We can see that the values are a bit spread, therefore we need to quantile normalize them. Then, we need to scale the values between 0 and 1 to have the same scale of the other input matrices to netZoo tools such as coexpression (between -1 and 1) and PPI matrix (between 0 and 1).

In [None]:
def quantileNormalize(df_input):
    df = df_input.copy()
    #compute rank
    dic = {}
    for col in df:
        dic.update({col : sorted(df[col])})
    sorted_df = pd.DataFrame(dic)
    rank = sorted_df.mean(axis = 1).tolist()
    #sort
    for col in df:
        t = np.searchsorted(np.sort(df[col]), df[col])
        df[col] = [rank[i] for i in t]
    return df

In [None]:
cont1qnorm = quantileNormalize(cont1)
cont1qnorm = cont1qnorm/(np.max(cont1qnorm.max()))

In [None]:
plt.hist(cont1qnorm.values.flatten())
plt.yscale('log', nonpositive='clip')
plt.ylabel('Frequency')
plt.xlabel('Edge weight')

### 2. Oyuang model
We do the same for the second model. Matrix density is identical to the first one, however, the edge weights are more dispersed because we added a significance term to each distance. Edge values are between 0 and 4624 and matrix density is 91% which is equal to the density of the previous model because the only difference was the addition of a significance term.

In [None]:
cont2=pd.read_csv('/opt/data/netZooPy/regPrior/regMatCont2.csv',header=0,index_col=0)

print('the maximum value is ',np.max(cont2.max()))
print('the minimum value is ',np.min(cont2.min()))
print('Are there null values?', cont2.isnull().values.any())
print('The dimensions are:', cont2.shape)
print('Matrix density is', np.count_nonzero(cont2)/(cont2.shape[0]*cont2.shape[1]))

In [None]:
plt.hist(cont2.values.flatten());
plt.yscale('log', nonposy='clip');
plt.ylabel('Frequency');
plt.xlabel('Edge weight');

In [None]:
cont2qnorm = quantileNormalize(cont2)
cont2qnorm = cont2qnorm/(np.max(cont2qnorm.max()))

In [None]:
plt.hist(cont2qnorm.values.flatten());
plt.yscale('log', nonpositive='clip');
plt.ylabel('Frequency');
plt.xlabel('Edge weight');

### 3. RP model
The RP model edge weight distribution varies between 0 and 7513. The weighted adjacency matrix has the same density than the two other matrices (91%). When we look at the equation of the RP model, we see that when the motif is exactly at the TSS or after the TSS, the distance $d$ to the TSS was set to 0. In the RP model equation, a distance 0 gives an edge weight of 0.6.

In [None]:
cont3=pd.read_csv('/opt/data/netZooPy/regPrior/regMatCont3.csv',header=0,index_col=0)

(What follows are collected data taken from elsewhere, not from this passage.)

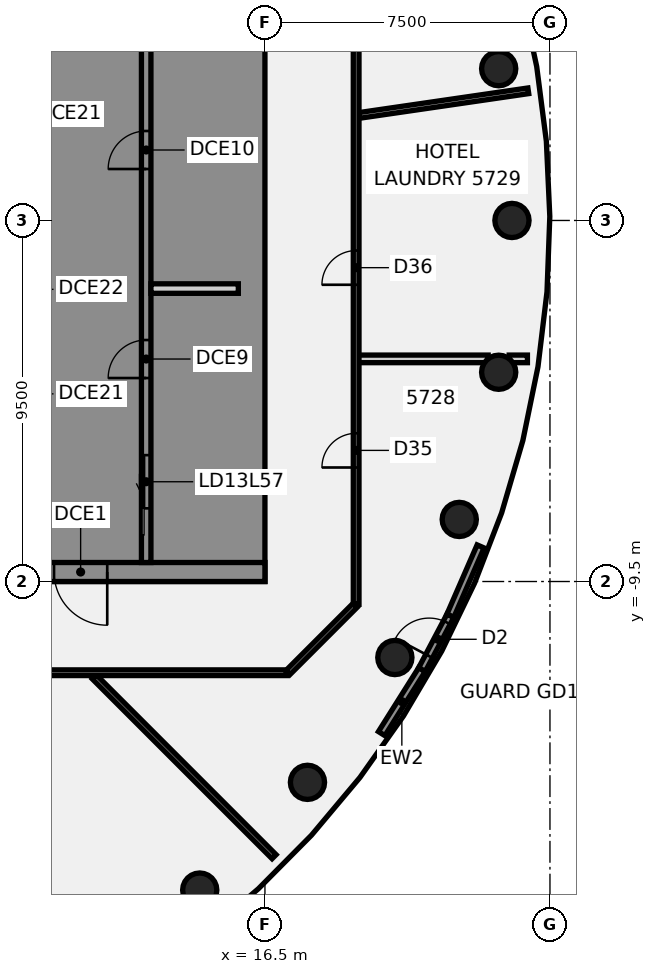
"""IFC4 building model, lengths in metres.
Left out: names, types, materials, properties, quantities, classifications, styles, units other than length and angle.
Written with IfcOpenShell. Run it as: python <this file> out.ifc"""

import sys

from ifc_helpers import new_model, si_unit, direction, frame, frame_2d, origin, origin_2d, place, context, subcontext, project, spatial, polyline, rectangle, circle, outline, extrude, element, fill, save


model = new_model("IFC4")
c1 = context("Model", 3, precision=1e-05, world=origin(), true_north=direction((0.0, 1.0)))
c2 = subcontext(c1, "Body", "Model", "MODEL_VIEW")
j1 = project(units=[si_unit("LENGTHUNIT", "METRE"), si_unit("PLANEANGLEUNIT", "RADIAN")], contexts=[c1])
p1 = place(None, origin())
s1 = spatial("IfcSite", under=j1, at=p1, CompositionType="ELEMENT")
p2 = place(p1, origin())
s2 = spatial("IfcBuilding", under=s1, at=p2, CompositionType="ELEMENT")
p3 = place(p2, frame((0.0, 0.0, 227.1)))
s3 = spatial("IfcBuildingStorey", under=s2, at=p3, CompositionType="ELEMENT", Elevation=227.1)
for number, where, z_axis, x_axis in (
    (1, (23.0, 0.0, -0.14), (0.0, 0.0, 1.0), (1.0, 0.0, 0.0)),
    (2, (22.651, 3.994, -0.14), (0.0, 0.0, 1.0), (1.0, 0.0, 0.0)),
    (3, (14.784, -17.619, -0.14), (0.0, 0.0, 1.0), (1.0, 0.0, 0.0)),
    (4, (17.619, -14.784, -0.14), (0.0, 0.0, 1.0), (1.0, 0.0, 0.0)),
    (5, (19.919, -11.5, -0.14), (0.0, 0.0, 1.0), (1.0, 0.0, 0.0)),
    (6, (21.613, -7.866, -0.14), (0.0, 0.0, 1.0), (1.0, 0.0, 0.0)),
    (7, (22.651, -3.994, -0.14), (0.0, 0.0, 1.0), (1.0, 0.0, 0.0)),
):
    element("IfcColumn", number, at=place(p3, frame(where, z_axis=z_axis, x_axis=x_axis)), inside=s3, PredefinedType="COLUMN", context=c2, shape_type="SweptSolid", body=[
        extrude(circle(Radius=0.45, at=origin_2d()), origin(), (0.0, 0.0, 1.0), 3.6),
    ])
p4 = place(p3, frame((12.01, -12.01, 0.0), z_axis=(0.0, 0.0, 1.0), x_axis=(0.707106781187, -0.707106781187, 0.0)))
e8 = element("IfcWall", 8, at=p4, inside=s3, PredefinedType="PARTITIONING", context=c2, shape_type="SweptSolid", body=[
    extrude(rectangle(XDim=6.691, YDim=0.15, at=frame_2d((3.345, 0.0))), origin(), (0.0, 0.0, 1.0), 2.864),
])
p5 = place(p3, frame((-17.1, -11.9, 0.0), z_axis=(0.0, 0.0, 1.0), x_axis=(1.0, 0.0, 0.0)))
e9 = element("IfcWall", 9, at=p5, inside=s3, PredefinedType="PARTITIONING", context=c2, shape_type="SweptSolid", body=[
    extrude(rectangle(XDim=34.165, YDim=0.15, at=frame_2d((17.083, 0.0))), origin(), (0.0, 0.0, 1.0), 2.864),
])
p6 = place(p5, frame((5.8, 0.0, 0.0)))
e10 = element("IfcOpeningElement", 10, at=p6, cuts=e9, PredefinedType="OPENING", context=c2, shape_type="SweptSolid", body=[
    extrude(rectangle(XDim=1.8, YDim=2.1, at=frame_2d((0.9, 1.05))), frame((0.0, 0.085, 0.0), z_axis=(0.0, -1.0, 0.0), x_axis=(1.0, 0.0, 0.0)), (0.0, 0.0, 1.0), 0.17),
])
p7 = place(p5, frame((12.909, 0.0, 0.0)))
e11 = element("IfcOpeningElement", 11, at=p7, cuts=e9, PredefinedType="OPENING", context=c2, shape_type="SweptSolid", body=[
    extrude(rectangle(XDim=1.8, YDim=2.1, at=frame_2d((0.9, 1.05))), frame((0.0, 0.085, 0.0), z_axis=(0.0, -1.0, 0.0), x_axis=(1.0, 0.0, 0.0)), (0.0, 0.0, 1.0), 0.17),
])
p8 = place(p5, frame((22.974, 0.0, 0.0)))
e12 = element("IfcOpeningElement", 12, at=p8, cuts=e9, PredefinedType="OPENING", context=c2, shape_type="SweptSolid", body=[
    extrude(rectangle(XDim=1.8, YDim=2.1, at=frame_2d((0.9, 1.05))), frame((0.0, 0.085, 0.0), z_axis=(0.0, -1.0, 0.0), x_axis=(1.0, 0.0, 0.0)), (0.0, 0.0, 1.0), 0.17),
])
p9 = place(p5, frame((2.85, 0.0, 0.0)))
e13 = element("IfcOpeningElement", 13, at=p9, cuts=e9, PredefinedType="OPENING", context=c2, shape_type="SweptSolid", body=[
    extrude(rectangle(XDim=0.9, YDim=2.1, at=frame_2d((0.45, 1.05))), frame((0.0, 0.085, 0.0), z_axis=(0.0, -1.0, 0.0), x_axis=(1.0, 0.0, 0.0)), (0.0, 0.0, 1.0), 0.17),
])
p10 = place(p3, frame((18.955, -3.642, 0.0), z_axis=(0.0, 0.0, 1.0), x_axis=(1.0, 0.0, 0.0)))
e14 = element("IfcWall", 14, at=p10, inside=s3, PredefinedType="PARTITIONING", context=c2, shape_type="SweptSolid", body=[
    extrude(rectangle(XDim=3.419, YDim=0.2, at=frame_2d((1.709, 0.0))), origin(), (0.0, 0.0, 1.0), 2.864),
])
p11 = place(p3, frame((22.927, -3.642, 0.0), z_axis=(0.0, 0.0, 1.0), x_axis=(1.0, 0.0, 0.0)))
e15 = element("IfcWall", 15, at=p11, inside=s3, PredefinedType="PARTITIONING", context=c2, shape_type="SweptSolid", body=[
    extrude(rectangle(XDim=0.48, YDim=0.2, at=frame_2d((0.24, 0.0))), origin(), (0.0, 0.0, 1.0), 2.864),
])
p12 = place(p3, frame((18.969, 2.762, 0.0), z_axis=(0.0, 0.0, 1.0), x_axis=(0.989562442657, 0.144104726094, 0.0)))
e16 = element("IfcWall", 16, at=p12, inside=s3, PredefinedType="PARTITIONING", context=c2, shape_type="SweptSolid", body=[
    extrude(rectangle(XDim=4.508, YDim=0.15, at=frame_2d((2.254, 0.0))), origin(), (0.0, 0.0, 1.0), 2.864),
])
p13 = place(p3, frame((17.1, -11.9, 0.0), z_axis=(0.0, 0.0, 1.0), x_axis=(0.707106781187, 0.707106781187, 0.0)))
e17 = element("IfcWall", 17, at=p13, inside=s3, PredefinedType="PARTITIONING", context=c2, shape_type="SweptSolid", body=[
    extrude(rectangle(XDim=2.505, YDim=0.15, at=frame_2d((1.253, 0.0))), origin(), (0.0, 0.0, 1.0), 2.864),
])
p14 = place(p3, frame((18.9, -10.1, 0.0), z_axis=(0.0, 0.0, 1.0), x_axis=(0.0, 1.0, 0.0)))
e18 = element("IfcWall", 18, at=p14, inside=s3, PredefinedType="PARTITIONING", context=c2, shape_type="SweptSolid", body=[
    extrude(rectangle(XDim=20.2, YDim=0.15, at=frame_2d((10.1, 0.0))), origin(), (0.0, 0.0, 1.0), 2.864),
])
p15 = place(p14, frame((3.6, 0.0, 0.0)))
e19 = element("IfcOpeningElement", 19, at=p15, cuts=e18, PredefinedType="OPENING", context=c2, shape_type="SweptSolid", body=[
    extrude(rectangle(XDim=0.9, YDim=2.1, at=frame_2d((0.45, 1.05))), frame((0.0, 0.085, 0.0), z_axis=(0.0, -1.0, 0.0), x_axis=(1.0, 0.0, 0.0)), (0.0, 0.0, 1.0), 0.17),
])
p16 = place(p14, frame((8.408, 0.0, 0.0)))
e20 = element("IfcOpeningElement", 20, at=p16, cuts=e18, PredefinedType="OPENING", context=c2, shape_type="SweptSolid", body=[
    extrude(rectangle(XDim=0.9, YDim=2.1, at=frame_2d((0.45, 1.05))), frame((0.0, 0.085, 0.0), z_axis=(0.0, -1.0, 0.0), x_axis=(1.0, 0.0, 0.0)), (0.0, 0.0, 1.0), 0.17),
])
p17 = place(p3, frame((19.572, -13.502, 0.0), z_axis=(0.0, 0.0, 1.0), x_axis=(0.533079765086, 0.846064988081, 0.0)))
e21 = element("IfcWall", 21, at=p17, inside=s3, PredefinedType="SOLIDWALL", context=c2, shape_type="SweptSolid", body=[
    extrude(rectangle(XDim=1.992, YDim=0.2, at=frame_2d((0.996, 0.0))), origin(), (0.0, 0.0, 1.0), 3.46),
])
p18 = place(p3, frame((21.379, -10.402, 0.0), z_axis=(0.0, 0.0, 1.0), x_axis=(0.399429605242, 0.916763868429, 0.0)))
e22 = element("IfcWall", 22, at=p18, inside=s3, PredefinedType="SOLIDWALL", context=c2, shape_type="SweptSolid", body=[
    extrude(rectangle(XDim=1.992, YDim=0.2, at=frame_2d((0.996, 0.0))), origin(), (0.0, 0.0, 1.0), 3.46),
])
p19 = place(p3, frame((20.634, -11.816, 0.0), z_axis=(0.0, 0.0, 1.0), x_axis=(0.4664135075, 0.884566809247, 0.0)))
e23 = element("IfcWall", 23, at=p19, inside=s3, PredefinedType="SOLIDWALL", context=c2, shape_type="SweptSolid", body=[
    extrude(rectangle(XDim=1.599, YDim=0.2, at=frame_2d((0.799, 0.0))), origin(), (0.0, 0.0, 1.0), 3.46),
])
p20 = place(p19, frame((0.4, 0.0, 0.0)))
e24 = element("IfcOpeningElement", 24, at=p20, cuts=e23, PredefinedType="OPENING", context=c2, shape_type="SweptSolid", body=[
    extrude(rectangle(XDim=1.0, YDim=2.4, at=frame_2d((0.5, 1.2))), frame((0.0, 0.11, 0.0), z_axis=(0.0, -1.0, 0.0), x_axis=(1.0, 0.0, 0.0)), (0.0, 0.0, 1.0), 0.22),
])
p21 = place(p3, frame((16.5, -9.25, 0.0), z_axis=(0.0, 0.0, 1.0), x_axis=(-1.0, 0.0, 0.0)))
e25 = element("IfcWall", 25, at=p21, inside=s3, PredefinedType="SHEAR", context=c2, shape_type="SweptSolid", body=[
    extrude(rectangle(XDim=13.0, YDim=0.5, at=frame_2d((6.5, 0.0))), origin(), (0.0, 0.0, 1.0), 3.46),
])
p22 = place(p21, frame((4.15, 0.0, 0.0)))
e26 = element("IfcOpeningElement", 26, at=p22, cuts=e25, PredefinedType="OPENING", context=c2, shape_type="SweptSolid", body=[
    extrude(rectangle(XDim=1.4, YDim=2.1, at=frame_2d((0.7, 1.05))), frame((0.0, 0.26, 0.0), z_axis=(0.0, -1.0, 0.0), x_axis=(1.0, 0.0, 0.0)), (0.0, 0.0, 1.0), 0.52),
])
p23 = place(p21, frame((10.125, 0.0, 0.0)))
e27 = element("IfcOpeningElement", 27, at=p23, cuts=e25, PredefinedType="OPENING", context=c2, shape_type="SweptSolid", body=[
    extrude(rectangle(XDim=1.4, YDim=2.1, at=frame_2d((0.7, 1.05))), frame((0.0, 0.26, 0.0), z_axis=(0.0, -1.0, 0.0), x_axis=(1.0, 0.0, 0.0)), (0.0, 0.0, 1.0), 0.52),
])
p24 = place(p3, origin())
e28 = element("IfcWall", 28, at=p24, inside=s3, PredefinedType="SHEAR", context=c2, shape_type="SweptSolid", body=[
    extrude(outline(polyline([(13.5, -8.125), (13.5, -9.0), (16.0, -9.0), (16.5, -9.0), (16.5, 9.0), (16.0, 9.0), (13.5, 9.0), (13.5, 8.125), (16.0, 8.125), (16.0, 5.625), (13.5, 5.625), (13.5, 5.375), (16.0, 5.375), (16.0, -5.375), (13.5, -5.375), (13.5, -5.625), (16.0, -5.625), (16.0, -8.125), (13.5, -8.125)])), origin(), (0.0, 0.0, 1.0), 3.46),
])
p25 = place(p3, frame((13.375, -9.0, 0.0), z_axis=(0.0, 0.0, 1.0), x_axis=(0.0, 1.0, 0.0)))
e29 = element("IfcWall", 29, at=p25, inside=s3, PredefinedType="SHEAR", context=c2, shape_type="SweptSolid", body=[
    extrude(rectangle(XDim=18.0, YDim=0.25, at=frame_2d((9.0, 0.0))), origin(), (0.0, 0.0, 1.0), 3.46),
])
p26 = place(p25, frame((1.425, 0.0, 0.0)))
e30 = element("IfcOpeningElement", 30, at=p26, cuts=e29, PredefinedType="OPENING", context=c2, shape_type="SweptSolid", body=[
    extrude(rectangle(XDim=1.4, YDim=2.1, at=frame_2d((0.7, 1.05))), frame((0.0, 0.135, 0.0), z_axis=(0.0, -1.0, 0.0), x_axis=(1.0, 0.0, 0.0)), (0.0, 0.0, 1.0), 0.27),
])
p27 = place(p25, frame((4.854, 0.0, 0.0)))
e31 = element("IfcOpeningElement", 31, at=p27, cuts=e29, PredefinedType="OPENING", context=c2, shape_type="SweptSolid", body=[
    extrude(rectangle(XDim=1.0, YDim=2.1, at=frame_2d((0.5, 1.05))), frame((0.0, 0.135, 0.0), z_axis=(0.0, -1.0, 0.0), x_axis=(1.0, 0.0, 0.0)), (0.0, 0.0, 1.0), 0.27),
])
p28 = place(p25, frame((10.354, 0.0, 0.0)))
e32 = element("IfcOpeningElement", 32, at=p28, cuts=e29, PredefinedType="OPENING", context=c2, shape_type="SweptSolid", body=[
    extrude(rectangle(XDim=1.0, YDim=2.1, at=frame_2d((0.5, 1.05))), frame((0.0, 0.135, 0.0), z_axis=(0.0, -1.0, 0.0), x_axis=(1.0, 0.0, 0.0)), (0.0, 0.0, 1.0), 0.27),
])
p29 = place(p3, frame((15.8, -1.792, 0.0), z_axis=(0.0, 0.0, 1.0), x_axis=(-1.0, 0.0, 0.0)))
e33 = element("IfcWall", 33, at=p29, inside=s3, PredefinedType="PARTITIONING", context=c2, shape_type="SweptSolid", body=[
    extrude(rectangle(XDim=2.3, YDim=0.25, at=frame_2d((1.15, 0.0))), origin(), (0.0, 0.0, 1.0), 3.46),
])
p30 = place(p15, frame((0.9, 0.0, 0.0), z_axis=(0.0, 0.0, 1.0), x_axis=(-1.0, 0.0, 0.0)))
e34 = element("IfcDoor", 34, at=p30, inside=s3, OperationType="SINGLE_SWING_LEFT", PredefinedType="DOOR", context=c2, shape_type="SweptSolid", body=[
    extrude(rectangle(XDim=0.9, YDim=2.1, at=frame_2d((0.45, 1.05))), frame((0.0, 0.025, 0.0), z_axis=(0.0, -1.0, 0.0), x_axis=(1.0, 0.0, 0.0)), (0.0, 0.0, 1.0), 0.05),
])
fill(e19, e34)
p31 = place(p16, frame((0.9, 0.0, 0.0), z_axis=(0.0, 0.0, 1.0), x_axis=(-1.0, 0.0, 0.0)))
e35 = element("IfcDoor", 35, at=p31, inside=s3, OperationType="SINGLE_SWING_LEFT", PredefinedType="DOOR", context=c2, shape_type="SweptSolid", body=[
    extrude(rectangle(XDim=0.9, YDim=2.1, at=frame_2d((0.45, 1.05))), frame((0.0, 0.025, 0.0), z_axis=(0.0, -1.0, 0.0), x_axis=(1.0, 0.0, 0.0)), (0.0, 0.0, 1.0), 0.05),
])
fill(e20, e35)
p32 = place(p20, origin())
e36 = element("IfcDoor", 36, at=p32, inside=s3, OperationType="SINGLE_SWING_LEFT", PredefinedType="DOOR", context=c2, shape_type="SweptSolid", body=[
    extrude(rectangle(XDim=1.0, YDim=2.4, at=frame_2d((0.5, 1.2))), frame((0.0, 0.025, 0.0), z_axis=(0.0, -1.0, 0.0), x_axis=(1.0, 0.0, 0.0)), (0.0, 0.0, 1.0), 0.05),
])
fill(e24, e36)
p33 = place(p22, origin())
e37 = element("IfcDoor", 37, at=p33, inside=s3, OperationType="SINGLE_SWING_LEFT", PredefinedType="DOOR", context=c2, shape_type="SweptSolid", body=[
    extrude(rectangle(XDim=1.4, YDim=2.1, at=frame_2d((0.7, 1.05))), frame((0.0, 0.025, 0.0), z_axis=(0.0, -1.0, 0.0), x_axis=(1.0, 0.0, 0.0)), (0.0, 0.0, 1.0), 0.05),
])
fill(e26, e37)
p34 = place(p26, origin())
e38 = element("IfcDoor", 38, at=p34, inside=s3, OperationType="SLIDING_TO_LEFT", PredefinedType="DOOR", context=c2, shape_type="SweptSolid", body=[
    extrude(rectangle(XDim=1.4, YDim=2.1, at=frame_2d((0.7, 1.05))), frame((0.0, 0.025, 0.0), z_axis=(0.0, -1.0, 0.0), x_axis=(1.0, 0.0, 0.0)), (0.0, 0.0, 1.0), 0.05),
])
fill(e30, e38)
p35 = place(p27, origin())
e39 = element("IfcDoor", 39, at=p35, inside=s3, OperationType="SINGLE_SWING_LEFT", PredefinedType="DOOR", context=c2, shape_type="SweptSolid", body=[
    extrude(rectangle(XDim=1.0, YDim=2.1, at=frame_2d((0.5, 1.05))), frame((0.0, 0.025, 0.0), z_axis=(0.0, -1.0, 0.0), x_axis=(1.0, 0.0, 0.0)), (0.0, 0.0, 1.0), 0.05),
])
fill(e31, e39)
p36 = place(p28, origin())
e40 = element("IfcDoor", 40, at=p36, inside=s3, OperationType="SINGLE_SWING_LEFT", PredefinedType="DOOR", context=c2, shape_type="SweptSolid", body=[
    extrude(rectangle(XDim=1.0, YDim=2.1, at=frame_2d((0.5, 1.05))), frame((0.0, 0.025, 0.0), z_axis=(0.0, -1.0, 0.0), x_axis=(1.0, 0.0, 0.0)), (0.0, 0.0, 1.0), 0.05),
])
fill(e32, e40)
save(model, sys.argv[1])

print('the maximum value is ',np.max(cont3.max()))
print('the minimum value is ',np.min(cont3.min()))
print('Are there null values?', cont3.isnull().values.any())
print('The dimensions are:', cont3.shape)
print('Matrix density is', np.count_nonzero(cont3)/(cont3.shape[0]*cont3.shape[1]))

In [None]:
plt.hist(cont3.values.flatten())
plt.yscale('log', nonposy='clip')
plt.ylabel('Frequency')
plt.xlabel('Edge weight')

In [None]:
cont3qnorm = quantileNormalize(cont3)
cont3qnorm = cont3qnorm/(np.max(cont3qnorm.max()))

In [None]:
plt.hist(cont3qnorm.values.flatten())
plt.yscale('log', nonpositive='clip')
plt.ylabel('Frequency')
plt.xlabel('Edge weight')

## References

1- Grant, Charles E., Timothy L. Bailey, and William Stafford Noble. "FIMO: scanning for occurrences of a given motif." Bioinformatics 27.7 (2011): 1017-1018.

2- Lambert, Samuel A., et al. "The human transcription factors." Cell 172.4 (2018): 650-665.

3- Tang, Qianzi, et al. "A comprehensive view of nuclear receptor cancer cistromes." Cancer research 71.22 (2011): 6940-6947.

4- Jolma, Arttu, et al. "DNA-binding specificities of human transcription factors." Cell 152.1-2 (2013): 327-339.

5- Garcia-Alonso, Luz, et al. "Benchmark and integration of resources for the estimation of human transcription factor activities." Genome research 29.8 (2019): 1363-1375.

6- Ouyang, Zhengqing, Qing Zhou, and Wing Hung Wong. "ChIP-Seq of transcription factors predicts absolute and differential gene expression in embryonic stem cells." Proceedings of the National Academy of Sciences 106.51 (2009): 21521-21526.

7- Tang, Qianzi, et al. "A comprehensive view of nuclear receptor cancer cistromes." Cancer research 71.22 (2011): 6940-6947.

8- Chen, Chen-Hao, et al. "Determinants of transcription factor regulatory range." Nature communications 11.1 (2020): 1-15.